591.86 → 595.79 introduced NCCL deadlocks on the mixed 4090/3090 box. Mitigations were NCCL_SHM_DISABLE=0, NCCL_P2P_LEVEL=LOC, VLLM_RPC_TIMEOUT=180, VLLM_WORKER_MULTIPROC_METHOD=spawn, and --disable-custom-all-reduce. Without them, deadlocks can look like tool failures.
VLLM_TEST_FORCE_FP8_MARLIN=1 and NCCL tuning remain mandatory for mixed FP8 ranks; the driver upgrade added the extra variables above.
Qwen 3.6-27B is a dense 27B checkpoint that, on the public agentic-coding figures I cite, beats Qwen 3.5-397B-A17B (SWE-bench Verified 77.2 vs 76.2, Pro 53.5 vs 50.9, SkillsBench 48.2 vs 30.0)—a larger step than a minor revision.

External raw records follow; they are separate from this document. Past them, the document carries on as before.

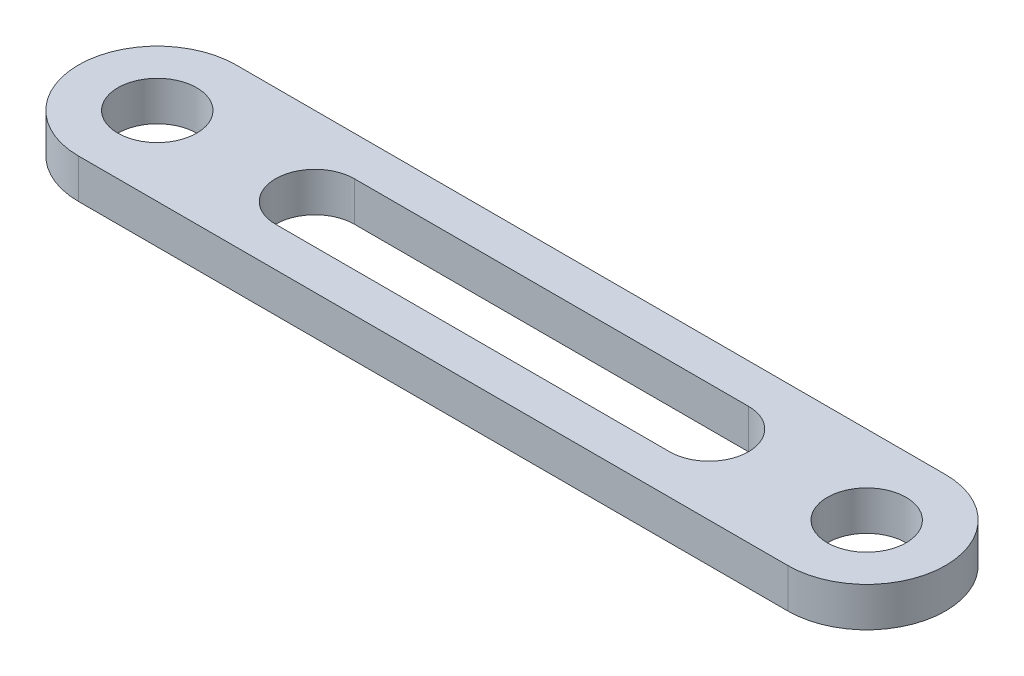
SolidWorks part; units mm, degrees
material "Plain Carbon Steel"
ref_plane "Front Plane" through (0, 0, 0) normal (0, 0, 1) x (1, 0, 0)
ref_plane "Top Plane" through (0, 0, 0) normal (0, 1, 0) x (1, 0, 0)
ref_plane "Right Plane" through (0, 0, 0) normal (1, 0, 0) x (0, 0, -1)
sketch "Link Profile Sketch" plane through (0, 0, 0) normal (0, 1, 0) x (1, 0, 0)
  line L0 (-45, 0) -> (45, 0) construction
  line L1 (-45, 10) -> (45, 10)
  line L2 (-45, -10) -> (45, -10)
  line L3 (-25, 0) -> (25, 0) construction
  line L4 (-25, 5) -> (25, 5)
  line L5 (-25, -5) -> (25, -5)
  arc A0 (-45, 10) -> (-45, -10) centre (-45, 0) ccw
  arc A1 (45, -10) -> (45, 10) centre (45, 0) ccw
  circle A2 centre (-45, 0) radius 5
  circle A3 centre (45, 0) radius 5
  arc A4 (-25, 5) -> (-25, -5) centre (-25, 0) ccw
  arc A5 (25, -5) -> (25, 5) centre (25, 0) ccw
  point P2 (0, 0)
  point P14 (0, 0)
  dimension "D1" = 10
  dimension "D3" = 10
  dimension "D4" = 10
  dimension "D6" = 5
  dimension "D2" = 90
  dimension "D5" = 20
extrude "Link Plate 5mm" add sketch "Link Profile Sketch" along normal blind 5
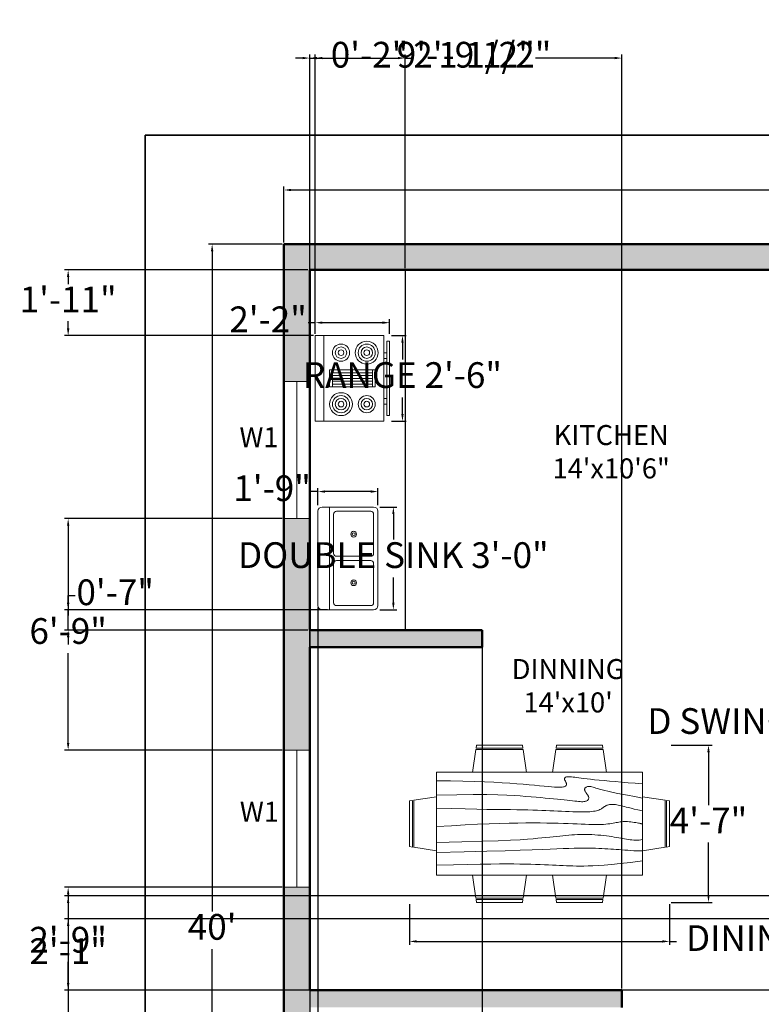
# Model space of a CAD drawing. Units: inches. Extents: x 6193 to 6719, y 6945 to 7563.
# Tile 3 of 4: x 6200 to 6459, y 7219 to 7563. Entities that reach past the tile are written whole.
import ezdxf

# ---------------------------------------------------------------- set-up
doc = ezdxf.new("R2010")
doc.units = ezdxf.units.IN
for name, color, linetype, lineweight in [('A-ANNO-DIMS', 2, 'Continuous', 18), ('A-ANNO-TEXT', 7, 'Continuous', 18), ('A-ANNO-TTLB', 7, 'Continuous', 35), ('A-AREA-IDEN', 7, 'Continuous', 25), ('A-EQPM', 8, 'Continuous', 18), ('A-FLOR-CASE', 8, 'Continuous', 25), ('A-FLOR-FIXT', 9, 'Continuous', 18), ('A-FURN', 8, 'Continuous', 18), ('A-GLAZ', 4, 'Continuous', 18), ('A-WALL', 7, 'Continuous', 50)]:
    doc.layers.add(name, color=color, linetype=linetype, lineweight=lineweight)
doc.layers.add('A-WALL-PATT', color=18, linetype='Continuous', lineweight=13, true_color=0x000000)
doc.styles.get("Standard").update_dxf_attribs({"font": 'arial.ttf'})
doc.dimstyles.new('ISO-25', dxfattribs={"dimtxt": 9, "dimasz": 2.5, "dimexe": 1.25, "dimexo": 0.625, "dimgap": 2, "dimtad": 0, "dimtih": 1, "dimtoh": 1, "dimdec": 1, "dimlunit": 4, "dimtxsty": 'Standard', "dimcen": 2.5, "dimadec": 0, "dimazin": 0, "dimtfac": 0.5, "dimtdec": 1, "dimtmove": 0, "dimatfit": 3, "dimfxl": 1, "dimarcsym": 0})

# ---------------------------------------------------------------- blocks, each defined once
blk = doc.blocks.new('Dining Set - 36 x 72 in.')
for p, q in [((-22.2343, 26.00059), (-23.4847, 17.99762)), ((-22.2304, 26), (-5.7608, 26)), ((-22, 27.5), (-22.1562, 26.50042)), ((-5.8416, 26.5), (-22.1534, 26.5)), ((-22, 27.5), (-6, 27.5)), ((-5.8437, 26.49966), (-6, 27.5)), ((-4.5152, 17.99762), (-5.7655, 25.99926)), ((5.7657, 26.00059), (4.5153, 17.99762)), ((5.7696, 26), (22.2392, 26)), ((6, 27.5), (5.8438, 26.50042)), ((22.1584, 26.5), (5.8466, 26.5)), ((6, 27.5), (22, 27.5)), ((22.1563, 26.49966), (22, 27.5)), ((23.4848, 17.99762), (22.2345, 25.99926)), ((36, 18), (-36, 18)), ((-36, 18), (-36, -18)), ((36, -18), (36, 18)), ((-45.5, 8), (-44.5004, 8.15617)), ((-45.5, 8), (-45.5, -8)), ((-44.5, -8.15843), (-44.5, 8.15338)), ((-44.0006, 8.23428), (-35.9976, 9.48474)), ((-44, 8.23041), (-44, -8.23915)), ((44.0006, 8.23428), (35.9976, 9.48474)), ((44, 8.23041), (44, -8.23915)), ((44.5, -8.15843), (44.5, 8.15338)), ((45.5, 8), (44.5005, 8.15617)), ((45.5, 8), (45.5, -8)), ((-44.4997, -8.15631), (-45.5, -8)), ((-35.9976, -9.48476), (-43.9993, -8.2345)), ((35.9976, -9.48476), (43.9993, -8.2345)), ((44.4997, -8.15631), (45.5, -8)), ((-36, -18), (36, -18)), ((-22.2343, -26.0006), (-23.4847, -17.99762)), ((-4.5152, -17.99762), (-5.7655, -25.99928)), ((5.7657, -26.0006), (4.5153, -17.99762)), ((23.4848, -17.99762), (22.2345, -25.99928)), ((-22.2304, -26), (-5.7608, -26)), ((-22, -27.5), (-22.1562, -26.50044)), ((-5.8416, -26.5), (-22.1534, -26.5)), ((-22, -27.5), (-6, -27.5)), ((-5.8437, -26.49967), (-6, -27.5)), ((5.7696, -26), (22.2392, -26)), ((6, -27.5), (5.8438, -26.50044)), ((22.1584, -26.5), (5.8466, -26.5)), ((6, -27.5), (22, -27.5)), ((22.1563, -26.49967), (22, -27.5))]:
    blk.add_line(p, q)
for points in [[(-36, 15), (-31.1772, 14.97754), (-26.8079, 14.91406), (-22.8538, 14.81543), (-19.276, 14.6875), (-16.0362, 14.53613), (-13.0957, 14.36718), (-10.4159, 14.18652), (-7.9583, 14), (-5.6904, 13.81315), (-3.6035, 13.63021), (-1.6954, 13.45508), (0.0365, 13.29166), (1.5945, 13.14388), (2.9811, 13.01562), (4.1988, 12.9108), (5.25, 12.83333), (6.1393, 12.78613), (6.8802, 12.76823), (7.4883, 12.77767), (7.9792, 12.8125), (8.3685, 12.87077), (8.6719, 12.95052), (8.9049, 13.0498), (9.0833, 13.16666), (9.2205, 13.29899), (9.3216, 13.44401), (9.3895, 13.59879), (9.4271, 13.76041), (9.4373, 13.92594), (9.4232, 14.09245), (9.3875, 14.257), (9.3333, 14.41666), (9.2638, 14.56917), (9.1836, 14.71484), (9.0975, 14.85465), (9.0104, 14.98958), (8.9272, 15.1206), (8.8529, 15.2487), (8.7922, 15.37483), (8.75, 15.5), (8.7305, 15.62467), (8.7344, 15.74739), (8.7617, 15.86621), (8.8125, 15.97916), (8.8867, 16.08431), (8.9844, 16.17968), (9.1055, 16.26334), (9.25, 16.33333), (9.4189, 16.38802), (9.6172, 16.42708), (9.8506, 16.45052), (10.125, 16.45833), (10.4463, 16.45052), (10.8203, 16.42708), (11.2529, 16.38802), (11.75, 16.33333), (12.3184, 16.26318), (12.9694, 16.17838), (13.7151, 16.07991), (14.5677, 15.96875), (15.5395, 15.84586), (16.6426, 15.71224), (17.8893, 15.56884), (19.2917, 15.41666), (20.859, 15.25667), (22.5879, 15.08984), (24.4721, 14.91715), (26.5052, 14.73958), (28.6809, 14.5581), (30.9929, 14.3737), (33.4347, 14.18733), (36, 14)], [(-36, 10), (-28.9766, 10.14274), (-23.1725, 10.20442), (-18.4241, 10.19775), (-14.5677, 10.13541), (-11.4399, 10.03011), (-8.877, 9.89453), (-6.7154, 9.74137), (-4.7917, 9.58333), (-2.9698, 9.43082), (-1.2246, 9.28515), (0.4415, 9.14534), (2.026, 9.01041), (3.5266, 8.87939), (4.9408, 8.7513), (6.266, 8.62516), (7.5, 8.5), (8.6411, 8.37549), (9.6914, 8.2539), (10.6538, 8.13818), (11.5312, 8.03125), (12.3267, 7.93603), (13.043, 7.85547), (13.6831, 7.79248), (14.25, 7.75), (14.7471, 7.7303), (15.1797, 7.73307), (15.5537, 7.75732), (15.875, 7.80208), (16.1494, 7.86637), (16.3828, 7.94922), (16.5811, 8.04964), (16.75, 8.16666), (16.8944, 8.29915), (17.0143, 8.44531), (17.1089, 8.60319), (17.1771, 8.77083), (17.218, 8.94629), (17.2305, 9.1276), (17.2137, 9.31282), (17.1667, 9.5), (17.0895, 9.6875), (16.987, 9.875), (16.8649, 10.0625), (16.7292, 10.25), (16.5856, 10.4375), (16.4401, 10.625), (16.2985, 10.8125), (16.1667, 11), (16.05, 11.18733), (15.9518, 11.3737), (15.8752, 11.5581), (15.8229, 11.73958), (15.798, 11.91715), (15.8034, 12.08984), (15.842, 12.25667), (15.9167, 12.41666), (16.0295, 12.56836), (16.1784, 12.70833), (16.3605, 12.83268), (16.5729, 12.9375), (16.8127, 13.01888), (17.0768, 13.07291), (17.3625, 13.0957), (17.6667, 13.08333), (17.9894, 13.03312), (18.3418, 12.94726), (18.7382, 12.82918), (19.1927, 12.68229), (19.7195, 12.51001), (20.3327, 12.31575), (21.0465, 12.10294), (21.875, 11.875), (22.8357, 11.63354), (23.959, 11.37304), (25.2786, 11.08618), (26.8282, 10.76562), (28.6414, 10.40405), (30.752, 9.99414), (33.1936, 9.52856), (36, 9)], [(-36, 5.5), (-30.7157, 5.3348), (-26.069, 5.20963), (-21.9946, 5.11767), (-18.4271, 5.05208), (-15.3009, 5.00602), (-12.5508, 4.97265), (-10.1112, 4.94515), (-7.9167, 4.91666), (-5.909, 4.88167), (-4.0586, 4.83984), (-2.3429, 4.79215), (-0.7396, 4.73958), (0.7739, 4.6831), (2.22, 4.6237), (3.6213, 4.56233), (5, 4.5), (6.373, 4.43782), (7.7344, 4.3776), (9.0723, 4.32129), (10.375, 4.27083), (11.6309, 4.22819), (12.8281, 4.19531), (13.9551, 4.17415), (15, 4.16666), (15.954, 4.17448), (16.819, 4.19791), (17.6001, 4.23698), (18.3021, 4.29166), (18.9299, 4.36198), (19.4883, 4.44791), (19.9823, 4.54948), (20.4167, 4.66666), (20.7969, 4.79899), (21.1302, 4.94401), (21.4245, 5.09879), (21.6875, 5.26041), (21.9271, 5.42594), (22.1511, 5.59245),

In one continuous session the stack sustained about 180K tokens with no tool-calling errors and roughly 10 minutes of uninterrupted agentic use on consumer GPUs, which matches what I wanted from a production-minded local setup.
The same template works on Qwen 3.5 and 3.6 if preserve_thinking=false and the parser matches the model generation. With the 595.79 workarounds, I get stable 180K-token agentic runs. Step-by-step background and earlier tuning notes are in the Qwen 3.5 deep-dive.